SMA, service civique et service national : quels dispositifs pour renforcer l'esprit citoyen ?

RSMA Martinique
© AFP PHOTO PATRICE COPPEE | "La réussite par l'effort et le travail", telle est la devise des jeunes du RSMA de la Martinique.

Comment renforcer l’esprit citoyen chez les jeunes ? Le débat est relancé après les attentats en France. Service Militaire Adapté, service civique et service national, des dispositifs existent en France hexagonale et Outre-Mer. Explications.

Laura Philippon
Publié le , mis à jour le

Après les attentats dans l'hexagone il y a deux semaines, le débat est relancé autour de l’esprit citoyen chez les jeunes. Par quels moyens renforcer cet esprit citoyen ainsi que la mixité sociale ? Alors que des élus de droite réclament un retour au service national, le chef de l’Etat, François Hollande, prône l'élargissement du service civique. Le Service Militaire Adapté est, lui, toujours en place Outre-Mer.
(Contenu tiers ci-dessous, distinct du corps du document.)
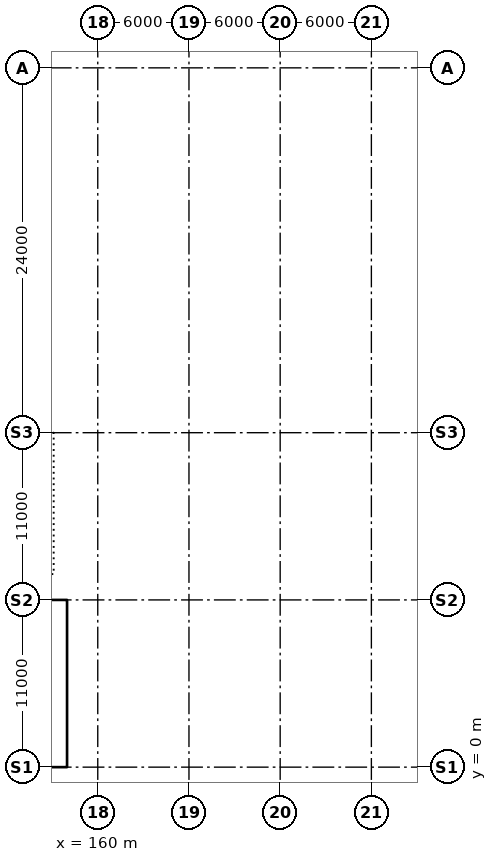
"""IFC4 building model, lengths in metres.
Left out: names, types, materials, properties, quantities, classifications, styles, units other than length and angle.
Written with IfcOpenShell. Run it as: python <this file> out.ifc"""

import sys

from ifc_helpers import new_model, si_unit, direction, frame, origin, origin_2d, place, context, subcontext, project, spatial, rectangle, extrude, element, save


model = new_model("IFC4")
c1 = context("Model", 3, precision=1e-05, world=origin(), true_north=direction((0.0, 1.0)))
c2 = subcontext(c1, "Body", "Model", "MODEL_VIEW")
j1 = project(units=[si_unit("LENGTHUNIT", "METRE"), si_unit("PLANEANGLEUNIT", "RADIAN")], contexts=[c1])
p1 = place(None, origin())
s1 = spatial("IfcSite", under=j1, at=p1, CompositionType="ELEMENT")
p2 = place(p1, origin())
s2 = spatial("IfcBuilding", under=s1, at=p2, CompositionType="ELEMENT")
p3 = place(p2, origin())
s3 = spatial("IfcBuildingStorey", under=s2, at=p3, CompositionType="ELEMENT", Elevation=0.0)
for number, where, z_axis, x_axis in (
    (1, (157.58, 0.4, -0.3), (0.0, 0.0, 1.0), (1.0, 0.0, 0.0)),
    (2, (157.58, 10.6, -0.3), (0.0, 0.0, 1.0), (1.0, 0.0, 0.0)),
):
    element("IfcColumn", number, at=place(p3, frame(where, z_axis=z_axis, x_axis=x_axis)), inside=s3, PredefinedType="COLUMN", context=c2, shape_type="SweptSolid", body=[
        extrude(rectangle(XDim=0.8, YDim=0.8, at=origin_2d()), origin(), (0.0, 0.0, 1.0), 5.3),
    ])
p4 = place(p3, frame((157.58, 22.5, -0.3), z_axis=(0.0, 0.0, 1.0), x_axis=(1.0, 0.0, 0.0)))
e3 = element("IfcColumn", 3, at=p4, inside=s3, PredefinedType="COLUMN", context=c2, shape_type="SweptSolid", body=[
    extrude(rectangle(XDim=0.8, YDim=1.0, at=origin_2d()), origin(), (0.0, 0.0, 1.0), 5.3),
])
p5 = place(p3, frame((157.58, 33.7, -0.3), z_axis=(0.0, 0.0, 1.0), x_axis=(1.0, 0.0, 0.0)))
e4 = element("IfcColumn", 4, at=p5, inside=s3, PredefinedType="COLUMN", context=c2, shape_type="SweptSolid", body=[
    extrude(rectangle(XDim=0.8, YDim=1.2, at=origin_2d()), origin(), (0.0, 0.0, 1.0), 5.3),
])
p6 = place(p3, frame((157.58, 44.9, -0.3), z_axis=(0.0, 0.0, 1.0), x_axis=(1.0, 0.0, 0.0)))
e5 = element("IfcColumn", 5, at=p6, inside=s3, PredefinedType="COLUMN", context=c2, shape_type="SweptSolid", body=[
    extrude(rectangle(XDim=0.8, YDim=1.0, at=origin_2d()), origin(), (0.0, 0.0, 1.0), 5.3),
])
for number, where, z_axis, x_axis in (
    (6, (158.5, 0.45, -0.3), (0.0, 0.0, 1.0), (1.0, 0.0, 0.0)),
    (7, (158.5, 11.7, -0.3), (0.0, 0.0, 1.0), (1.0, 0.0, 0.0)),
    (8, (158.5, 23.0, -0.3), (0.0, 0.0, 1.0), (1.0, 0.0, 0.0)),
    (9, (158.5, 34.3, -0.3), (0.0, 0.0, 1.0), (1.0, 0.0, 0.0)),
    (10, (158.5, 45.55, -0.3), (0.0, 0.0, 1.0), (1.0, 0.0, 0.0)),
    (11, (169.0, 0.45, -0.3), (0.0, 0.0, 1.0), (1.0, 0.0, 0.0)),
):
    element("IfcColumn", number, at=place(p3, frame(where, z_axis=z_axis, x_axis=x_axis)), inside=s3, PredefinedType="COLUMN", context=c2, shape_type="SweptSolid", body=[
        extrude(rectangle(XDim=0.9, YDim=0.9, at=origin_2d()), origin(), (0.0, 0.0, 1.0), 5.3),
    ])
for number, where, z_axis, x_axis in (
    (12, (169.0, 11.7, -0.3), (0.0, 0.0, 1.0), (1.0, 0.0, 0.0)),
    (13, (169.0, 23.0, -0.3), (0.0, 0.0, 1.0), (1.0, 0.0, 0.0)),
    (14, (169.0, 34.3, -0.3), (0.0, 0.0, 1.0), (1.0, 0.0, 0.0)),
):
    element("IfcColumn", number, at=place(p3, frame(where, z_axis=z_axis, x_axis=x_axis)), inside=s3, PredefinedType="COLUMN", context=c2, shape_type="SweptSolid", body=[
        extrude(rectangle(XDim=1.1, YDim=1.1, at=origin_2d()), origin(), (0.0, 0.0, 1.0), 5.3),
    ])
for number, where, z_axis, x_axis in (
    (15, (169.0, 45.55, -0.3), (0.0, 0.0, 1.0), (1.0, 0.0, 0.0)),
    (16, (179.5, 0.45, -0.3), (0.0, 0.0, 1.0), (1.0, 0.0, 0.0)),
    (17, (179.5, 11.7, -0.3), (0.0, 0.0, 1.0), (1.0, 0.0, 0.0)),
    (18, (179.5, 23.0, -0.3), (0.0, 0.0, 1.0), (1.0, 0.0, 0.0)),
    (19, (179.5, 34.3, -0.3), (0.0, 0.0, 1.0), (1.0, 0.0, 0.0)),
    (20, (179.5, 45.55, -0.3), (0.0, 0.0, 1.0), (1.0, 0.0, 0.0)),
):
    element("IfcColumn", number, at=place(p3, frame(where, z_axis=z_axis, x_axis=x_axis)), inside=s3, PredefinedType="COLUMN", context=c2, shape_type="SweptSolid", body=[
        extrude(rectangle(XDim=0.9, YDim=0.9, at=origin_2d()), origin(), (0.0, 0.0, 1.0), 5.3),
    ])
save(model, sys.argv[1])

Le (R)SMA qu’est-ce que c’est ?

Le (Régiment du) Service Militaire Adapté est un dispositif militaire d’insertion socioprofessionnelle destiné aux jeunes en difficulté Outre-Mer. Il a été créé en 1961 et a déjà formé 130 000 jeunes Ultramarins. Sa mission est de les insérer dans la vie active grâce à des formations portant sur les métiers de la mécanique, du bâtiment, ou encore de la restauration et du tourisme. L'objectif est ensuite de placer les jeunes sur des emplois durables.
Environ 5 000 jeunes sont accueillis par an au sein des huit formations du SMA. Des régiments sont situés en Guyane, à la Martinique, en Guadeloupe, à La Réunion, en Nouvelle Calédonie et en Polynésie française. Un groupement est également présent à Mayotte et un détachement à Périgueux.
Trois jeunes sur quatre sont insérés à l’issue de leur parcours. La fréquentation des SMA a doublé entre 2009 et 2016. 3 000 jeunes étaient inscrits en 2009, 5 000 aujourd’hui et 6 000 à l’horizon 2016.

Le service civique

Le service civique est entré en vigueur en 2010. Il est ouvert à tous les jeunes de 16 à 25 ans, sans conditions de diplôme. Les missions sont indemnisées 573 euros par mois. En 2015, la France (Outre-mer compris) compte plus de 35 000 jeunes inscrits.
Il s’agit "d’un engagement volontaire au service de l'intérêt général". Ce service civique est décrit comme un moyen d'insertion sociale, notamment pour les jeunes qui connaissent des difficultés scolaires. Il peut être effectué auprès d’associations, de collectivités territoriales ou d’établissements publics, sur une période de 6 à 12 mois.
François Hollande a annoncé une augmentation de l'accueil des volontaires du service civique. Ce dernier est en effet victime de son succès. L’an dernier, quatre demandes sur cinq sont restées sans réponse.
Selon une étude de l'agence du service civique, 75% des jeunes occupaient six mois après un emploi ou avaient repris des études.

Le service national

Il s’agit de l’ancien "service militaire". Tous les hommes majeurs avaient l'obligation de servir l'armée du pays durant une période d'abord de dix mois, puis de douze mois. Le service militaire a été suspendu en 1996 par Jacques Chirac. Depuis l’armée est un corps uniquement professionnel. 
A la place de ce service national, une journée d’appel de préparation à la défense à été mise en place. Elle s’adresse aux jeunes de 16 à 18 ans. Il s’agit d’une journée citoyenne à l’issu de laquelle les jeunes reçoivent un certificat individuel de participation. Ce certificat est nécessaire pour passer les concours et examens d'État (dont le permis de conduire), avant l'âge de 25 ans.
Le service national, lui, pourrait être rétabli, comme le réclame certains élus de droite, mais cela aurait un coût. La plupart des casernes ont été vendues et le budget total de ce retour du service militaire atteindrait 1,5 milliard d'euros par an. A gauche, la proposition est jugée irréaliste par certains. "Il ne correspond plus aux besoins de notre armée, estime pour sa part le Ministre de la Défense, Jean-Yves Le Drian. Nous avons fait le choix de la professionnalisation de notre armée et nos opérations nécessitent des compétences qui ne peuvent pas être apprises en six mois".
Par ailleurs, le service militaire et le passage par l'armée française n'ont pas empêché une dizaine d'anciens militaires de s'engager dans le jihad en Syrie et en Irak. Cette information révélée par Radio France Internationale a été confirmée par le ministre de la Défense qui parle de cas "extrêmement rares".